There are multiple upcoming clinical trials involving CSF1R inhibitors, including an open label phase I/II study of DCC-3041 (Clinicaltrials.gov Identifer: NCT03069469; Decipheral Pharmaceuticals Inc., Waltham, MA, USA), which is currently recruiting; a phase I/II study of cabiralizumab in patients with TGCT-D, which has completed recruiting (Clinicaltrials.gov Identifier: NCT02471716); and a study of pexidartinib in participants with moderate hepatic impairment compared to healthy participants, which also is currently recruiting (Clinicaltrials.gov Identifier: NCT04223635). The latter trial highlights one of the more difficult aspects of using pexidartinib, as blood draws must be taken weekly for 8 weeks to monitor for hepatic dysfunction.
Conclusion
In summary, TGCT is a rare and benign, yet locally destructive, tumor of the synovia, joints, bursae, and the tendon sheath.
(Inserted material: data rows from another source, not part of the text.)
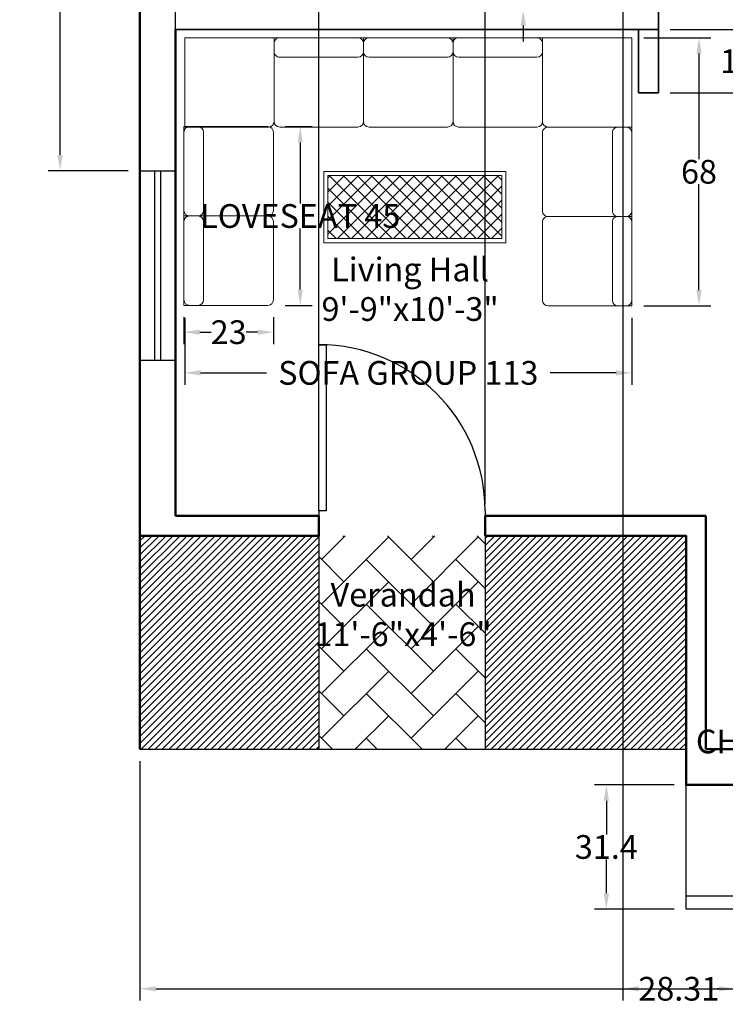
# Model space of a CAD drawing. Units: inches. Extents: x 89 to 490, y -59 to 378.
# Tile 1 of 20: x 97 to 275, y -51 to 198. Entities that reach past the tile are written whole.
import ezdxf

# ---------------------------------------------------------------- set-up
doc = ezdxf.new("R2010")
doc.units = ezdxf.units.IN
doc.header["$MEASUREMENT"] = 0
for name, color, linetype, lineweight in [('A-ANNO-DIMS', 2, 'Continuous', 18), ('A-AREA-IDEN', 7, 'Continuous', 18), ('A-FLOR-PATT', 3, 'Continuous', 13), ('A-FURN-PATT', 55, 'Continuous', 13), ('Center Table', 54, 'Continuous', 18), ('Doors', 34, 'Continuous', 25), ('Inner Walls', 31, 'Continuous', 35), ('L-PLNT-EDGE', 31, 'Continuous', 25), ('Outer Walls', 12, 'Continuous', 50), ('Sofa', 114, 'Continuous', 18), ('Verandah', 3, 'Continuous', 25), ('Windows', 171, 'Continuous', 25)]:
    doc.layers.add(name, color=color, linetype=linetype, lineweight=lineweight)
doc.styles.get("Standard").update_dxf_attribs({"font": 'arial.ttf'})
doc.dimstyles.get("Standard").update_dxf_attribs({"dimtxt": 6, "dimasz": 4, "dimexe": 3, "dimexo": 3, "dimgap": 0.09, "dimtad": 0, "dimtih": 1, "dimtoh": 1, "dimdec": 1, "dimzin": 0, "dimdsep": 46, "dimlunit": 3, "dimtxsty": 'Standard', "dimcen": 0.09, "dimadec": 0, "dimazin": 0, "dimtfac": 1, "dimtdec": 1, "dimtofl": 0, "dimtmove": 0, "dimatfit": 3, "dimfxl": 1, "dimtolj": 1, "dimtzin": 0, "dimarcsym": 0})

# ---------------------------------------------------------------- blocks, each defined once
blk = doc.blocks.new('*U6')
for p, q in [((0, 0), (0, -6)), ((40, 0), (40, -6))]:
    blk.add_line(p, q)
blk.add_lwpolyline([(0, 0), (0, 40), (1.75, 40), (1.75, 0)], close=True)
blk.add_arc((0, 0), 40, 0, 90)
blk = doc.blocks.new('A$C51FB459E')
for p, q in [((0, 1.6), (0, 2.4)), ((0, 2.4), (0.75, 2.4)), ((0.05, 2.4), (0.125, 2.4)), ((0, 1.65), (0, 2.35)), ((0.175, 2.35), (0.175, 1.65)), ((0.8, 2.35), (0.8, 1.65)), ((0, 0.8), (0, 1.6)), ((0, 1.6), (0.75, 1.6)), ((0.75, 1.6), (0, 1.6)), ((0.05, 1.6), (0.125, 1.6)), ((0.125, 1.6), (0.05, 1.6)), ((0, 0.85), (0, 1.55)), ((0.175, 1.55), (0.175, 0.85)), ((0.8, 1.55), (0.8, 0.85)), ((0, 0), (0, 0.8)), ((0, 0.8), (0.75, 0.8)), ((0.75, 0.8), (0, 0.8)), ((0.125, 0.8), (0.05, 0.8)), ((0.85, 0.8), (1.55, 0.8)), ((1.65, 0.8), (2.35, 0.8)), ((2.45, 0.8), (3.15, 0.8)), ((3.9996, 0.8), (3.25, 0.8)), ((3.9996, 0), (3.9996, 0.8)), ((0.8, 0), (0.8, 0.75)), ((0.8, 0.75), (0.8, 0)), ((1.6, 0), (1.6, 0.75)), ((1.6, 0.75), (1.6, 0)), ((2.4, 0.75), (2.4, 0)), ((2.4, 0), (2.4, 0.75)), ((3.2, 0.75), (3.2, 0)), ((3.2, 0.75), (3.2, 0)), ((0.8, 0.05), (0.8, 0.125)), ((0.85, 0.175), (1.55, 0.175)), ((1.6, 0.05), (1.6, 0.125)), ((1.6, 0.125), (1.6, 0.05)), ((1.65, 0.175), (2.35, 0.175)), ((2.4, 0.125), (2.4, 0.05)), ((2.4, 0.05), (2.4, 0.125)), ((2.45, 0.175), (3.15, 0.175)), ((3.2, 0.125), (3.2, 0.05)), ((0.8, 0), (0, 0)), ((1.6, 0), (0.8, 0)), ((1.55, 0), (0.85, 0)), ((2.4, 0), (1.6, 0)), ((2.35, 0), (1.65, 0)), ((3.2, 0), (2.4, 0)), ((3.15, 0), (2.45, 0)), ((3.2, 0), (3.9996, 0))]:
    blk.add_line(p, q)
for centre, start, end in [((0.05, 2.35), 90, 180), ((0.125, 2.35), 0, 90), ((0.75, 2.35), 0, 90), ((0.05, 1.65), 180, 270), ((0.05, 1.55), 90, 180), ((0.125, 1.65), 270, 0), ((0.125, 1.55), 360, 90), ((0.75, 1.65), 270, 0), ((0.75, 1.55), 360, 90), ((0.05, 0.85), 180, 270), ((0.125, 0.85), 270, 0), ((0.75, 0.85), 270, 0), ((0.75, 0.75), 0, 90), ((0.85, 0.75), 90, 180), ((1.55, 0.75), 0, 90), ((1.65, 0.75), 90, 180), ((2.35, 0.75), 0, 90), ((2.45, 0.75), 90, 180), ((3.15, 0.75), 0, 90), ((3.25, 0.75), 90, 180), ((0.85, 0.125), 90, 180), ((1.55, 0.125), 0, 90), ((1.65, 0.125), 90, 180), ((2.35, 0.125), 0, 90), ((2.45, 0.125), 90, 180), ((3.15, 0.125), 360, 90), ((0.85, 0.05), 180, 270), ((1.55, 0.05), 270, 0), ((1.65, 0.05), 180, 270), ((2.35, 0.05), 270, 360), ((2.45, 0.05), 180, 270), ((3.15, 0.05), 270, 0)]:
    blk.add_arc(centre, 0.05, start, end)
blk = doc.blocks.new('small sofa')
for p, q in [((881.35, 152.51), (860.16, 152.51)), ((860.16, 152.51), (881.35, 152.51)), ((877.82, 152.51), (879.94, 152.51)), ((881.35, 152.51), (881.35, 129.91)), ((858.75, 131.32), (858.75, 151.1)), ((876.41, 131.32), (876.41, 151.1)), ((881.35, 151.1), (881.35, 131.32)), ((881.35, 129.91), (860.16, 129.91)), ((860.16, 129.91), (881.35, 129.91)), ((879.94, 129.91), (877.82, 129.91)), ((877.82, 129.91), (879.94, 129.91)), ((881.35, 129.91), (881.35, 107.31)), ((858.75, 108.72), (858.75, 128.5)), ((876.41, 108.72), (876.41, 128.5)), ((881.35, 128.5), (881.35, 108.72)), ((881.35, 107.31), (860.16, 107.31)), ((879.94, 107.31), (877.82, 107.31))]:
    blk.add_line(p, q)
for centre, start, end in [((860.16, 151.1), 90, 180), ((877.82, 151.1), 90, 180), ((879.94, 151.1), 0, 90), ((860.16, 131.32), 180, 270), ((860.16, 128.5), 90, 180), ((877.82, 131.32), 180, 270), ((877.82, 128.5), 90, 180), ((879.94, 131.32), 270, 0), ((879.94, 128.5), 0, 90), ((860.16, 108.72), 180, 270), ((877.82, 108.72), 180, 270), ((879.94, 108.72), 270, 0)]:
    blk.add_arc(centre, 1.41, start, end)
blk = doc.blocks.new('WIN-48x9')
for p, q in [((3.8, 0), (3.8, 48)), ((5.2, 48), (5.2, 0))]:
    blk.add_line(p, q)
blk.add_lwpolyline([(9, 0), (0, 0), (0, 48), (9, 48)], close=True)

TGCT-D is often difficult to treat solely with surgery, thereby warranting the study of additional treatments. Imaging plays a critical role in defining the extent of disease and determining resectability. Recent identification of an oncogenic translocation that upregulates CSFR1 in these tumors provides a rational molecular target for medical therapy, and CSFR1 inhibitors appear to be beneficial in treating unresectable diffuse types. Further studies are warranted to determine whether CSFR1 inhibitors may be used neoadjuvantly or adjuvantly with surgery, and to determine the effectiveness of these systemic therapies in decreasing long-term recurrence risk.